By Hugh Son
May 12 (Bloomberg) -- Advanta Corp., the issuer of credit cards for small businesses, will halt new lending for its 1 million customers next month as the recession causes a surge in loan defaults.
Lending ceases June 10. Advanta will use as much as $1.4 billion to pay investors of its securitized credit-card loans part of the debt’s face value, the Spring House, Pennsylvania- based company said yesterday in a statement. Advanta said it’s preserving capital after charge-offs, or uncollectible debt, reached 20 percent on some cards as of March 31.
“This is a Hail Mary pass: They’re hoping they can stay alive barely until the environment changes,” said David Robertson, president of the Nilson Report, the Carpinteria, California-based industry newsletter.

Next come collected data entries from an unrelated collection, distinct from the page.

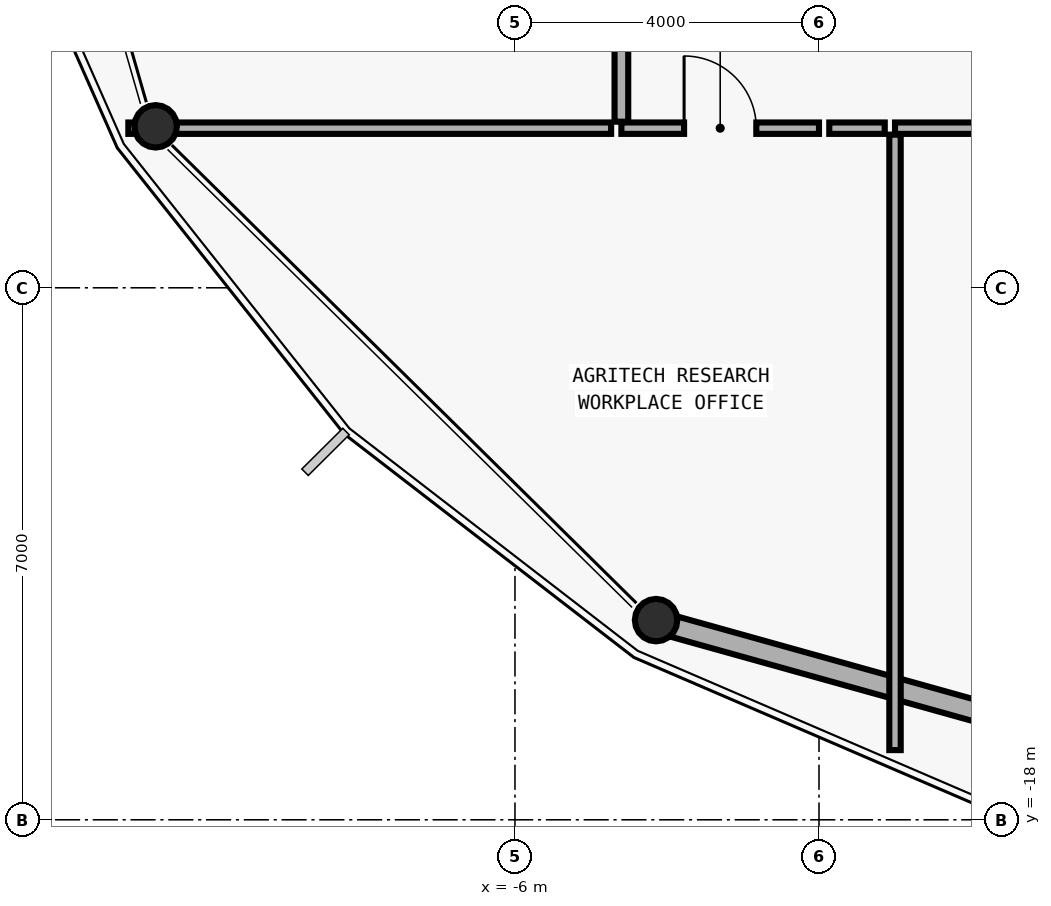
"""IFC4 building model, lengths in metres.
Left out: names, types, materials, properties, quantities, classifications, styles, units other than length and angle.
Written with IfcOpenShell. Run it as: python <this file> out.ifc"""

import sys

from ifc_helpers import new_model, si_unit, direction, frame, frame_2d, origin, origin_2d, place, context, subcontext, project, spatial, rectangle, hollow_circle, extrude, element, fill, save


model = new_model("IFC4")
c1 = context("Model", 3, precision=1e-05, world=origin(), true_north=direction((0.0, 1.0)))
c2 = subcontext(c1, "Body", "Model", "MODEL_VIEW")
j1 = project(units=[si_unit("LENGTHUNIT", "METRE"), si_unit("PLANEANGLEUNIT", "RADIAN")], contexts=[c1])
p1 = place(None, origin())
s1 = spatial("IfcSite", under=j1, at=p1, CompositionType="ELEMENT")
p2 = place(p1, origin())
s2 = spatial("IfcBuilding", under=s1, at=p2, CompositionType="ELEMENT")
p3 = place(p2, frame((0.0, 0.0, 267.0)))
s3 = spatial("IfcBuildingStorey", under=s2, at=p3, CompositionType="ELEMENT", Elevation=267.0)
p4 = place(p3, frame((-10.757, -8.884, 0.0), z_axis=(0.016251167856, 0.004779755252, 0.999856516448), x_axis=(-0.282166323992, 0.959365501571, 0.0)))
e1 = element("IfcColumn", 1, at=p4, inside=s3, PredefinedType="COLUMN", context=c2, shape_type="SweptSolid", body=[
    extrude(hollow_circle(Radius=0.28, WallThickness=0.02, at=origin_2d()), origin(), (0.0, 0.0, 1.0), 3.575),
])
p5 = place(p3, frame((-4.16, -15.387, 0.0), z_axis=(0.00935528271, 0.008194408213, 0.999922662189), x_axis=(-0.658893247603, 0.75223645768, 0.0)))
e2 = element("IfcColumn", 2, at=p5, inside=s3, PredefinedType="COLUMN", context=c2, shape_type="SweptSolid", body=[
    extrude(hollow_circle(Radius=0.28, WallThickness=0.02, at=origin_2d()), origin(), (0.0, 0.0, 1.0), 3.575),
])
p6 = place(p3, frame((4.624, -17.84, 0.0), z_axis=(0.0, 0.0, 1.0), x_axis=(-0.963175454127, 0.268873659119, 0.0)))
e3 = element("IfcWall", 3, at=p6, inside=s3, PredefinedType="SOLIDWALL", context=c2, shape_type="SweptSolid", body=[
    extrude(rectangle(XDim=8.886, YDim=0.28, at=frame_2d((4.443, 0.0))), origin(), (0.0, 0.0, 1.0), 2.97),
])
p7 = place(p3, frame((-4.6, -8.9, 0.0), z_axis=(0.0, 0.0, 1.0), x_axis=(1.0, 0.0, 0.0)))
e4 = element("IfcWall", 4, at=p7, inside=s3, PredefinedType="PARTITIONING", context=c2, shape_type="SweptSolid", body=[
    extrude(rectangle(XDim=2.6, YDim=0.15, at=frame_2d((1.3, 0.0))), origin(), (0.0, 0.0, 1.0), 3.36),
])
p8 = place(p7, frame((0.825, 0.0, 0.0)))
e5 = element("IfcOpeningElement", 5, at=p8, cuts=e4, PredefinedType="OPENING", context=c2, shape_type="SweptSolid", body=[
    extrude(rectangle(XDim=0.95, YDim=2.1, at=frame_2d((0.475, 1.05))), frame((0.0, 0.085, 0.0), z_axis=(0.0, -1.0, 0.0), x_axis=(1.0, 0.0, 0.0)), (0.0, 0.0, 1.0), 0.17),
])
p9 = place(p3, frame((-1.0, -8.9, 0.0), z_axis=(0.0, 0.0, 1.0), x_axis=(1.0, 0.0, 0.0)))
e6 = element("IfcWall", 6, at=p9, inside=s3, PredefinedType="PARTITIONING", context=c2, shape_type="SweptSolid", body=[
    extrude(rectangle(XDim=8.5, YDim=0.15, at=frame_2d((4.25, 0.0))), origin(), (0.0, 0.0, 1.0), 3.36),
])
p10 = place(p9, frame((3.775, 0.0, 0.0)))
e7 = element("IfcOpeningElement", 7, at=p10, cuts=e6, PredefinedType="OPENING", context=c2, shape_type="SweptSolid", body=[
    extrude(rectangle(XDim=0.95, YDim=2.1, at=frame_2d((0.475, 1.05))), frame((0.0, 0.085, 0.0), z_axis=(0.0, -1.0, 0.0), x_axis=(1.0, 0.0, 0.0)), (0.0, 0.0, 1.0), 0.17),
])
p11 = place(p3, frame((-1.865, -8.9, 0.0), z_axis=(0.0, 0.0, 1.0), x_axis=(1.0, 0.0, 0.0)))
e8 = element("IfcWall", 8, at=p11, inside=s3, PredefinedType="PARTITIONING", context=c2, shape_type="SweptSolid", body=[
    extrude(rectangle(XDim=0.73, YDim=0.15, at=frame_2d((0.365, 0.0))), origin(), (0.0, 0.0, 1.0), 3.36),
])
p12 = place(p3, frame((-1.0, -8.985, 0.0), z_axis=(0.0, 0.0, 1.0), x_axis=(0.0, -1.0, 0.0)))
e9 = element("IfcWall", 9, at=p12, inside=s3, PredefinedType="PARTITIONING", context=c2, shape_type="SweptSolid", body=[
    extrude(rectangle(XDim=8.098, YDim=0.15, at=frame_2d((4.049, 0.0))), origin(), (0.0, 0.0, 1.0), 3.36),
])
p13 = place(p3, frame((-11.087, -8.9, 0.0), z_axis=(0.0, 0.0, 1.0), x_axis=(1.0, 0.0, 0.0)))
e10 = element("IfcWall", 10, at=p13, inside=s3, PredefinedType="PARTITIONING", context=c2, shape_type="SweptSolid", body=[
    extrude(rectangle(XDim=6.352, YDim=0.15, at=frame_2d((3.176, 0.0))), origin(), (0.0, 0.0, 1.0), 2.892),
])
p14 = place(p3, frame((-4.6, -6.75, 0.0), z_axis=(0.0, 0.0, 1.0), x_axis=(0.0, -1.0, 0.0)))
e11 = element("IfcWall", 11, at=p14, inside=s3, PredefinedType="PLUMBINGWALL", context=c2, shape_type="SweptSolid", body=[
    extrude(rectangle(XDim=2.065, YDim=0.18, at=frame_2d((1.032, 0.0))), origin(), (0.0, 0.0, 1.0), 3.36),
])
p15 = place(p8, origin())
e12 = element("IfcDoor", 12, at=p15, inside=s3, OperationType="SINGLE_SWING_LEFT", PredefinedType="DOOR", context=c2, shape_type="SweptSolid", body=[
    extrude(rectangle(XDim=0.95, YDim=2.1, at=frame_2d((0.475, 1.05))), frame((0.0, 0.025, 0.0), z_axis=(0.0, -1.0, 0.0), x_axis=(1.0, 0.0, 0.0)), (0.0, 0.0, 1.0), 0.05),
])
fill(e5, e12)
save(model, sys.argv[1])

Advanta has reported three consecutive quarterly losses and has seen its shares plunge from about $30 in June 2007 to $1.13 at the close of New York trading yesterday. The U.S. jobless rate reached 8.5 percent in March, a 25-year high, squeezing sales for small business owners. The economic slowdown affected Advanta’s customers across the country, Chief Financial Officer Philip Browne has said.
“We’ll be shutting down accounts for future transaction activities, but many of the customers will maintain balances and pay us off over time,” Browne said yesterday in a telephone interview. “We’ll have to service and collect on that, and that will be the first order of business for the company.”
Curtailing Business
Shutting accounts won’t accelerate payments for existing balances, Advanta said. While the company is “free to do new business in the future,” it doesn’t expect to do so until the plan is under way, according to the statement.
More than 90 percent of Advanta’s small business customers will have “adequate” access to alternative credit after the company halts lending, Browne said.
Advanta was the 11th-biggest U.S. credit-card issuer at the end of 2008 with about $5 billion in outstanding balances, and the only major lender focused on small business borrowers, Robertson said.
The company’s announcement yesterday is “a big sign that the credit-card industry has problems that are going to be around for several years,” said the Nilson Report’s Robertson.